Any command I send to microk8s kubectl print some error message about memcache.go:

E0320 20:41:19.730002 50241 memcache.go:255] couldn’t get resource list for metrics.k8s.io/v1beta1: the server is currently unable to handle the request
E0320 20:41:19.733484 50241 memcache.go:106] couldn’t get resource list for metrics.k8s.io/v1beta1: the server is currently unable to handle the request
E0320 20:41:19.735017 50241 memcache.go:106] couldn’t get resource list for metrics.k8s.io/v1beta1: the server is currently unable to handle the request
E0320 20:41:19.738322 50241 memcache.go:106] couldn’t get resource list for metrics.k8s.io/v1beta1: the server is currently unable to handle the request
E0320 20:41:20.827654 50241 memcache.go:106] couldn’t get resource list for metrics.k8s.io/v1beta1: the server is currently unable to handle the request
E0320 20:41:20.830214 50241 memcache.go:106] couldn’t get resource list for metrics.k8s.io/v1beta1: the server is currently unable to handle the request

Any idea what is causing this? From my point of view, nodes seems healthy, ram, cpu and disk are good, networking between them is also functional.

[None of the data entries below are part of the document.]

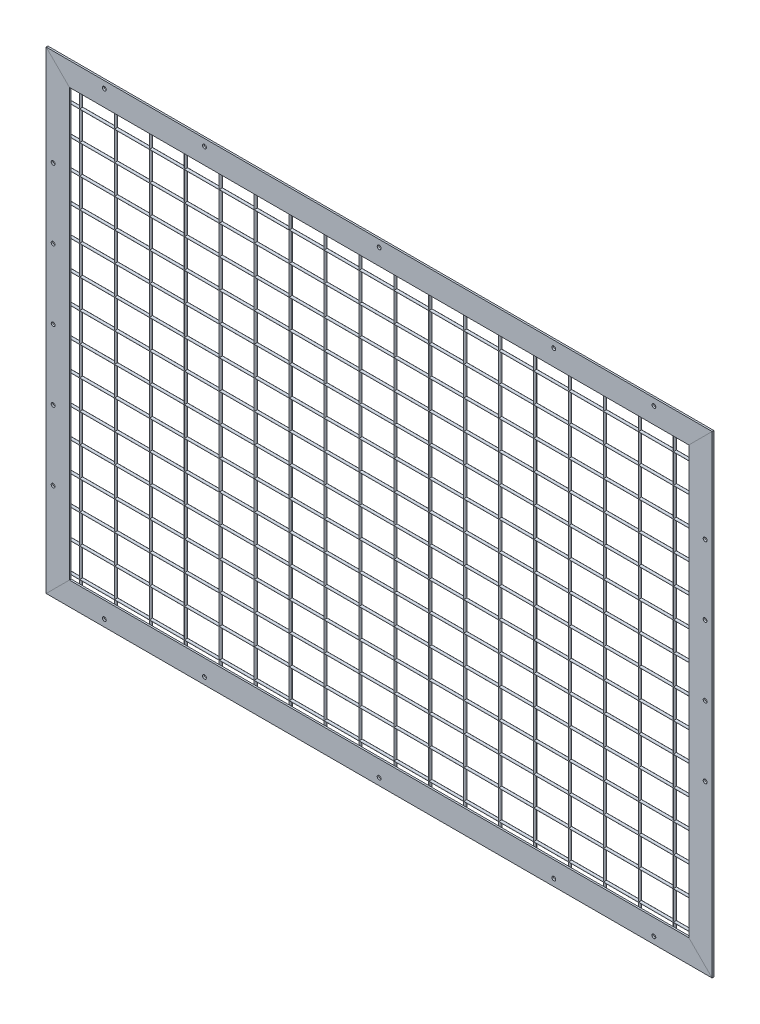
from build123d import *

# Parameters (mm, degrees)
EXTRUDE_2_DEPTH              = 3
EXTRUDE_2_2_DEPTH            = 3
EXTRUDE_3_DEPTH              = 3
EXTRUDE_3_2_DEPTH            = 3
SKETCH_7_R                   = 2
EXTRUDE_4_DEPTH              = 763
EXTRUDE_4_2_DEPTH            = 763
EXTRUDE_4_3_DEPTH            = 763
EXTRUDE_4_4_DEPTH            = 763
EXTRUDE_4_5_DEPTH            = 763
EXTRUDE_4_6_DEPTH            = 763
EXTRUDE_4_7_DEPTH            = 763
EXTRUDE_4_8_DEPTH            = 763
EXTRUDE_4_9_DEPTH            = 763
EXTRUDE_4_10_DEPTH           = 763
EXTRUDE_4_11_DEPTH           = 763
EXTRUDE_4_12_DEPTH           = 763
EXTRUDE_4_13_DEPTH           = 763
EXTRUDE_4_14_DEPTH           = 763
EXTRUDE_4_15_DEPTH           = 763
EXTRUDE_4_16_DEPTH           = 763
EXTRUDE_4_17_DEPTH           = 763
EXTRUDE_4_18_DEPTH           = 763
SKETCH_8_R                   = 2
EXTRUDE_5_DEPTH              = 1094
SKETCH_9_W                   = 3.3
SKETCH_9_H                   = 3.001
HOLE_WIZARD_M6_1_AT_2_COUNT  = 2
HOLE_WIZARD_M6_1_AT_2_PITCH  = 472
HOLE_WIZARD_M6_1_AT_3_COUNT  = 2
HOLE_WIZARD_M6_1_AT_3_PITCH  = 177.803965085
HOLE_WIZARD_M6_1_AT_4_COUNT  = 2
HOLE_WIZARD_M6_1_AT_4_PITCH  = 640.573375969
HOLE_WIZARD_M6_1_AT_5_COUNT  = 2
HOLE_WIZARD_M6_1_AT_5_PITCH  = 1230.307685093
HOLE_WIZARD_M6_1_AT_6_COUNT  = 2
HOLE_WIZARD_M6_1_AT_6_PITCH  = 919.404698705
HOLE_WIZARD_M6_1_AT_7_COUNT  = 2
HOLE_WIZARD_M6_1_AT_7_PITCH  = 789
HOLE_WIZARD_M6_1_AT_8_COUNT  = 2
HOLE_WIZARD_M6_1_AT_8_PITCH  = 172
HOLE_WIZARD_M6_1_AT_9_COUNT  = 2
HOLE_WIZARD_M6_1_AT_9_PITCH  = 807.530185194
HOLE_WIZARD_M6_1_AT_10_COUNT = 2
HOLE_WIZARD_M6_1_AT_10_PITCH = 1103.859139564
HOLE_WIZARD_M6_1_AT_11_COUNT = 2
HOLE_WIZARD_M6_1_AT_11_PITCH = 288.260732671
HOLE_WIZARD_M6_1_AT_12_COUNT = 2
HOLE_WIZARD_M6_1_AT_12_PITCH = 404.19580651
HOLE_WIZARD_M6_1_AT_13_COUNT = 2
HOLE_WIZARD_M6_1_AT_13_PITCH = 521.971503054
HOLE_WIZARD_M6_1_AT_14_COUNT = 2
HOLE_WIZARD_M6_1_AT_14_PITCH = 1067.883069442
HOLE_WIZARD_M6_1_AT_15_COUNT = 2
HOLE_WIZARD_M6_1_AT_15_PITCH = 1104.832227082
HOLE_WIZARD_M6_1_AT_16_COUNT = 2
HOLE_WIZARD_M6_1_AT_16_PITCH = 1153.141036474
HOLE_WIZARD_M6_1_AT_17_COUNT = 2
HOLE_WIZARD_M6_1_AT_17_PITCH = 772
HOLE_WIZARD_M6_1_AT_18_COUNT = 2
HOLE_WIZARD_M6_1_AT_18_PITCH = 944
HOLE_WIZARD_M6_1_AT_19_COUNT = 2
HOLE_WIZARD_M6_1_AT_19_PITCH = 1043.500958313


with BuildPart() as part:
    # 草图4 → 凸台-拉伸2 (new body)
    with BuildSketch(Plane.XY):
        Polygon((0, 0), (40, 40), (40, 773), (0, 813), align=None)
    extrude(amount=EXTRUDE_2_DEPTH)


with BuildPart() as body_2:
    # 草图4 → Extrude 2 2 (new body)
    with BuildSketch(Plane.XY):
        Polygon((1104, 40), (1144, 0), (1144, 813), (1104, 773), align=None)
    extrude(amount=EXTRUDE_2_2_DEPTH)


with BuildPart() as body_3:
    # 草图6 → 凸台-拉伸3 (new body)
    with BuildSketch(Plane.XY.offset(3)):
        Polygon((0, 0), (1144, 0), (1104, 40), (40, 40), align=None)
    extrude(amount=-EXTRUDE_3_DEPTH)


with BuildPart() as body_4:
    # 草图6 → Extrude 3 2 (new body)
    with BuildSketch(Plane.XY.offset(3)):
        Polygon((0, 813), (1144, 813), (1104, 773), (40, 773), align=None)
    extrude(amount=-EXTRUDE_3_2_DEPTH)

    # 草图9 → M6 间隙孔1 (revolve, cut)
    with BuildSketch(Plane(origin=(100, 801, 3), x_dir=(0, -1, 0), z_dir=(1, 0, 0))):
        with Locations((1.65, 1.5005)):
            Rectangle(SKETCH_9_W, SKETCH_9_H)
    hole_wizard_m6_1 = revolve(axis=Axis((100, 801, 9.35), (0, 0, -1)), mode=Mode.SUBTRACT)

    # M6 间隙孔1 at 2: M6 间隙孔1 ×2
    with Locations(*[(i * HOLE_WIZARD_M6_1_AT_2_PITCH, 0, 0) for i in range(1, HOLE_WIZARD_M6_1_AT_2_COUNT)]):
        add(hole_wizard_m6_1, mode=Mode.SUBTRACT)

    # M6 间隙孔1 at 8: M6 间隙孔1 ×2
    with Locations(*[(i * HOLE_WIZARD_M6_1_AT_8_PITCH, 0, 0) for i in range(1, HOLE_WIZARD_M6_1_AT_8_COUNT)]):
        add(hole_wizard_m6_1, mode=Mode.SUBTRACT)

    # M6 间隙孔1 at 17: M6 间隙孔1 ×2
    with Locations(*[(i * HOLE_WIZARD_M6_1_AT_17_PITCH, 0, 0) for i in range(1, HOLE_WIZARD_M6_1_AT_17_COUNT)]):
        add(hole_wizard_m6_1, mode=Mode.SUBTRACT)

    # M6 间隙孔1 at 18: M6 间隙孔1 ×2
    with Locations(*[(i * HOLE_WIZARD_M6_1_AT_18_PITCH, 0, 0) for i in range(1, HOLE_WIZARD_M6_1_AT_18_COUNT)]):
        add(hole_wizard_m6_1, mode=Mode.SUBTRACT)


with BuildPart() as body_5:
    # 草图7 → 凸台-拉伸4 (new body)
    with BuildSketch(Plane(origin=(0, 25, 0), x_dir=(-1, 0, 0), z_dir=(0, -1, 0))):
        with Locations(Location((-55, 2, 0), (0, 0, 90))):
            Circle(SKETCH_7_R)
    extrude(amount=-EXTRUDE_4_DEPTH)



with BuildPart() as body_6:
    # 草图7 → Extrude 4 2 (new body)
    with BuildSketch(Plane(origin=(0, 25, 0), x_dir=(-1, 0, 0), z_dir=(0, -1, 0))):
        with Locations(Location((-115, 2, 0), (0, 0, 90))):
            Circle(SKETCH_7_R)
    extrude(amount=-EXTRUDE_4_2_DEPTH)


with BuildPart() as body_7:
    # 草图7 → Extrude 4 3 (new body)
    with BuildSketch(Plane(origin=(0, 25, 0), x_dir=(-1, 0, 0), z_dir=(0, -1, 0))):
        with Locations(Location((-175, 2, 0), (0, 0, 90))):
            Circle(SKETCH_7_R)
    extrude(amount=-EXTRUDE_4_3_DEPTH)


with BuildPart() as body_8:
    # 草图7 → Extrude 4 4 (new body)
    with BuildSketch(Plane(origin=(0, 25, 0), x_dir=(-1, 0, 0), z_dir=(0, -1, 0))):
        with Locations(Location((-235, 2, 0), (0, 0, 90))):
            Circle(SKETCH_7_R)
    extrude(amount=-EXTRUDE_4_4_DEPTH)


with BuildPart() as body_9:
    # 草图7 → Extrude 4 5 (new body)
    with BuildSketch(Plane(origin=(0, 25, 0), x_dir=(-1, 0, 0), z_dir=(0, -1, 0))):
        with Locations(Location((-295, 2, 0), (0, 0, 90))):
            Circle(SKETCH_7_R)
    extrude(amount=-EXTRUDE_4_5_DEPTH)


with BuildPart() as body_10:
    # 草图7 → Extrude 4 6 (new body)
    with BuildSketch(Plane(origin=(0, 25, 0), x_dir=(-1, 0, 0), z_dir=(0, -1, 0))):
        with Locations(Location((-355, 2, 0), (0, 0, 90))):
            Circle(SKETCH_7_R)
    extrude(amount=-EXTRUDE_4_6_DEPTH)


with BuildPart() as body_11:
    # 草图7 → Extrude 4 7 (new body)
    with BuildSketch(Plane(origin=(0, 25, 0), x_dir=(-1, 0, 0), z_dir=(0, -1, 0))):
        with Locations(Location((-415, 2, 0), (0, 0, 90))):
            Circle(SKETCH_7_R)
    extrude(amount=-EXTRUDE_4_7_DEPTH)


with BuildPart() as body_12:
    # 草图7 → Extrude 4 8 (new body)
    with BuildSketch(Plane(origin=(0, 25, 0), x_dir=(-1, 0, 0), z_dir=(0, -1, 0))):
        with Locations(Location((-475, 2, 0), (0, 0, 90))):
            Circle(SKETCH_7_R)
    extrude(amount=-EXTRUDE_4_8_DEPTH)


with BuildPart() as body_13:
    # 草图7 → Extrude 4 9 (new body)
    with BuildSketch(Plane(origin=(0, 25, 0), x_dir=(-1, 0, 0), z_dir=(0, -1, 0))):
        with Locations(Location((-535, 2, 0), (0, 0, 90))):
            Circle(SKETCH_7_R)
    extrude(amount=-EXTRUDE_4_9_DEPTH)


with BuildPart() as body_14:
    # 草图7 → Extrude 4 10 (new body)
    with BuildSketch(Plane(origin=(0, 25, 0), x_dir=(-1, 0, 0), z_dir=(0, -1, 0))):
        with Locations(Location((-595, 2, 0), (0, 0, 90))):
            Circle(SKETCH_7_R)
    extrude(amount=-EXTRUDE_4_10_DEPTH)


with BuildPart() as body_15:
    # 草图7 → Extrude 4 11 (new body)
    with BuildSketch(Plane(origin=(0, 25, 0), x_dir=(-1, 0, 0), z_dir=(0, -1, 0))):
        with Locations(Location((-655, 2, 0), (0, 0, 90))):
            Circle(SKETCH_7_R)
    extrude(amount=-EXTRUDE_4_11_DEPTH)


with BuildPart() as body_16:
    # 草图7 → Extrude 4 12 (new body)
    with BuildSketch(Plane(origin=(0, 25, 0), x_dir=(-1, 0, 0), z_dir=(0, -1, 0))):
        with Locations(Location((-715, 2, 0), (0, 0, 90))):
            Circle(SKETCH_7_R)
    extrude(amount=-EXTRUDE_4_12_DEPTH)


with BuildPart() as body_17:
    # 草图7 → Extrude 4 13 (new body)
    with BuildSketch(Plane(origin=(0, 25, 0), x_dir=(-1, 0, 0), z_dir=(0, -1, 0))):
        with Locations(Location((-775, 2, 0), (0, 0, 90))):
            Circle(SKETCH_7_R)
    extrude(amount=-EXTRUDE_4_13_DEPTH)


with BuildPart() as body_18:
    # 草图7 → Extrude 4 14 (new body)
    with BuildSketch(Plane(origin=(0, 25, 0), x_dir=(-1, 0, 0), z_dir=(0, -1, 0))):
        with Locations(Location((-835, 2, 0), (0, 0, 90))):
            Circle(SKETCH_7_R)
    extrude(amount=-EXTRUDE_4_14_DEPTH)


with BuildPart() as body_19:
    # 草图7 → Extrude 4 15 (new body)
    with BuildSketch(Plane(origin=(0, 25, 0), x_dir=(-1, 0, 0), z_dir=(0, -1, 0))):
        with Locations(Location((-895, 2, 0), (0, 0, 90))):
            Circle(SKETCH_7_R)
    extrude(amount=-EXTRUDE_4_15_DEPTH)


with BuildPart() as body_20:
    # 草图7 → Extrude 4 16 (new body)
    with BuildSketch(Plane(origin=(0, 25, 0), x_dir=(-1, 0, 0), z_dir=(0, -1, 0))):
        with Locations(Location((-955, 2, 0), (0, 0, 90))):
            Circle(SKETCH_7_R)
    extrude(amount=-EXTRUDE_4_16_DEPTH)


with BuildPart() as body_21:
    # 草图7 → Extrude 4 17 (new body)
    with BuildSketch(Plane(origin=(0, 25, 0), x_dir=(-1, 0, 0), z_dir=(0, -1, 0))):
        with Locations(Location((-1015, 2, 0), (0, 0, 90))):
            Circle(SKETCH_7_R)
    extrude(amount=-EXTRUDE_4_17_DEPTH)


with BuildPart() as body_22:
    # 草图7 → Extrude 4 18 (new body)
    with BuildSketch(Plane(origin=(0, 25, 0), x_dir=(-1, 0, 0), z_dir=(0, -1, 0))):
        with Locations(Location((-1075, 2, 0), (0, 0, 90))):
            Circle(SKETCH_7_R)
    extrude(amount=-EXTRUDE_4_18_DEPTH)


with BuildPart() as body_5_1:
    add(body_5.part)

    add(body_6.part)  # 凸台-拉伸5 merges body 6

    add(body_7.part)  # 凸台-拉伸5 merges body 7

    add(body_8.part)  # 凸台-拉伸5 merges body 8

    add(body_9.part)  # 凸台-拉伸5 merges body 9

    add(body_10.part)  # 凸台-拉伸5 merges body 10

    add(body_11.part)  # 凸台-拉伸5 merges body 11

    add(body_12.part)  # 凸台-拉伸5 merges body 12

    add(body_13.part)  # 凸台-拉伸5 merges body 13

    add(body_14.part)  # 凸台-拉伸5 merges body 14

    add(body_15.part)  # 凸台-拉伸5 merges body 15

    add(body_16.part)  # 凸台-拉伸5 merges body 16

    add(body_17.part)  # 凸台-拉伸5 merges body 17

    add(body_18.part)  # 凸台-拉伸5 merges body 18

    add(body_19.part)  # 凸台-拉伸5 merges body 19

    add(body_20.part)  # 凸台-拉伸5 merges body 20

    add(body_21.part)  # 凸台-拉伸5 merges body 21

    add(body_22.part)  # 凸台-拉伸5 merges body 22
    # 草图8 → 凸台-拉伸5 (add)
    with BuildSketch(Plane.ZY.offset(-25)):
        with Locations((-2, 47.1)):
            Circle(SKETCH_8_R)
        with Locations((-2, 97.1)):
            Circle(SKETCH_8_R)
        with Locations((-2, 147.1)):
            Circle(SKETCH_8_R)
        with Locations((-2, 197.1)):
            Circle(SKETCH_8_R)
        with Locations((-2, 247.1)):
            Circle(SKETCH_8_R)
        with Locations((-2, 297.1)):
            Circle(SKETCH_8_R)
        with Locations((-2, 347.1)):
            Circle(SKETCH_8_R)
        with Locations((-2, 397.1)):
            Circle(SKETCH_8_R)
        with Locations((-2, 447.1)):
            Circle(SKETCH_8_R)
        with Locations((-2, 497.1)):
            Circle(SKETCH_8_R)
        with Locations((-2, 547.1)):
            Circle(SKETCH_8_R)
        with Locations((-2, 597.1)):
            Circle(SKETCH_8_R)
        with Locations((-2, 647.1)):
            Circle(SKETCH_8_R)
        with Locations((-2, 697.1)):
            Circle(SKETCH_8_R)
        with Locations((-2, 747.1)):
            Circle(SKETCH_8_R)
    extrude(amount=-EXTRUDE_5_DEPTH)


with BuildPart() as part_1:
    add(part.part)

    # M6 间隙孔1 at 3: M6 间隙孔1 ×2
    with Locations(*[Vector(-0.494927095455147, -0.8689345028161396, 0) * (i * HOLE_WIZARD_M6_1_AT_3_PITCH) for i in range(1, HOLE_WIZARD_M6_1_AT_3_COUNT)]):
        add(hole_wizard_m6_1, mode=Mode.SUBTRACT)

    # M6 间隙孔1 at 4: M6 间隙孔1 ×2
    with Locations(*[Vector(-0.137376924020478, -0.9905188442158341, 0) * (i * HOLE_WIZARD_M6_1_AT_4_PITCH) for i in range(1, HOLE_WIZARD_M6_1_AT_4_COUNT)]):
        add(hole_wizard_m6_1, mode=Mode.SUBTRACT)

    # M6 间隙孔1 at 11: M6 间隙孔1 ×2
    with Locations(*[Vector(-0.3052791796670006, -0.9522628956658152, 0) * (i * HOLE_WIZARD_M6_1_AT_11_PITCH) for i in range(1, HOLE_WIZARD_M6_1_AT_11_COUNT)]):
        add(hole_wizard_m6_1, mode=Mode.SUBTRACT)

    # M6 间隙孔1 at 12: M6 间隙孔1 ×2
    with Locations(*[Vector(-0.21771626172943806, -0.9760121051393568, 0) * (i * HOLE_WIZARD_M6_1_AT_12_PITCH) for i in range(1, HOLE_WIZARD_M6_1_AT_12_COUNT)]):
        add(hole_wizard_m6_1, mode=Mode.SUBTRACT)

    # M6 间隙孔1 at 13: M6 间隙孔1 ×2
    with Locations(*[Vector(-0.16859157920536694, -0.9856859943313796, 0) * (i * HOLE_WIZARD_M6_1_AT_13_PITCH) for i in range(1, HOLE_WIZARD_M6_1_AT_13_COUNT)]):
        add(hole_wizard_m6_1, mode=Mode.SUBTRACT)


with BuildPart() as body_3_1:
    add(body_3.part)

    # M6 间隙孔1 at 5: M6 间隙孔1 ×2
    with Locations(*[Vector(0.7672877373990379, -0.6413029923811874, 0) * (i * HOLE_WIZARD_M6_1_AT_5_PITCH) for i in range(1, HOLE_WIZARD_M6_1_AT_5_COUNT)]):
        add(hole_wizard_m6_1, mode=Mode.SUBTRACT)

    # M6 间隙孔1 at 6: M6 间隙孔1 ×2
    with Locations(*[Vector(0.5133756665210151, -0.8581639849260184, 0) * (i * HOLE_WIZARD_M6_1_AT_6_PITCH) for i in range(1, HOLE_WIZARD_M6_1_AT_6_COUNT)]):
        add(hole_wizard_m6_1, mode=Mode.SUBTRACT)

    # M6 间隙孔1 at 7: M6 间隙孔1 ×2
    with Locations(*[(0, -i * HOLE_WIZARD_M6_1_AT_7_PITCH, 0) for i in range(1, HOLE_WIZARD_M6_1_AT_7_COUNT)]):
        add(hole_wizard_m6_1, mode=Mode.SUBTRACT)

    # M6 间隙孔1 at 9: M6 间隙孔1 ×2
    with Locations(*[Vector(0.2129951339944121, -0.9770532600092497, 0) * (i * HOLE_WIZARD_M6_1_AT_9_PITCH) for i in range(1, HOLE_WIZARD_M6_1_AT_9_COUNT)]):
        add(hole_wizard_m6_1, mode=Mode.SUBTRACT)

    # M6 间隙孔1 at 10: M6 间隙孔1 ×2
    with Locations(*[Vector(0.6993645949288404, -0.7147651106202786, 0) * (i * HOLE_WIZARD_M6_1_AT_10_PITCH) for i in range(1, HOLE_WIZARD_M6_1_AT_10_COUNT)]):
        add(hole_wizard_m6_1, mode=Mode.SUBTRACT)


with BuildPart() as body_2_1:
    add(body_2.part)

    # M6 间隙孔1 at 14: M6 间隙孔1 ×2
    with Locations(*[Vector(0.9663979414334593, -0.25705061523593464, 0) * (i * HOLE_WIZARD_M6_1_AT_14_PITCH) for i in range(1, HOLE_WIZARD_M6_1_AT_14_COUNT)]):
        add(hole_wizard_m6_1, mode=Mode.SUBTRACT)

    # M6 间隙孔1 at 15: M6 间隙孔1 ×2
    with Locations(*[Vector(0.9340784733671342, -0.3570677885109829, 0) * (i * HOLE_WIZARD_M6_1_AT_15_PITCH) for i in range(1, HOLE_WIZARD_M6_1_AT_15_COUNT)]):
        add(hole_wizard_m6_1, mode=Mode.SUBTRACT)

    # M6 间隙孔1 at 16: M6 间隙孔1 ×2
    with Locations(*[Vector(0.8949469035944738, -0.4461726568792217, 0) * (i * HOLE_WIZARD_M6_1_AT_16_PITCH) for i in range(1, HOLE_WIZARD_M6_1_AT_16_COUNT)]):
        add(hole_wizard_m6_1, mode=Mode.SUBTRACT)

    # M6 间隙孔1 at 19: M6 间隙孔1 ×2
    with Locations(*[Vector(0.9889784880202482, -0.1480592794565197, 0) * (i * HOLE_WIZARD_M6_1_AT_19_PITCH) for i in range(1, HOLE_WIZARD_M6_1_AT_19_COUNT)]):
        add(hole_wizard_m6_1, mode=Mode.SUBTRACT)


solid = Compound([body_4.part, body_5_1.part, part_1.part, body_3_1.part, body_2_1.part])

I uploaded the result tarball of microk8s inspect to my Google Drive:

Please help me recover my cluster!

Can you log this in microk8s github issues?

Sure, here it is:

I wasn’t sure where to post since this is not a bug report in itself and more of a request for help I assumed it was preferable to post on the community forum, but as you please! :slight_smile:

@balchua1 Did you try to take a look? Still stuck!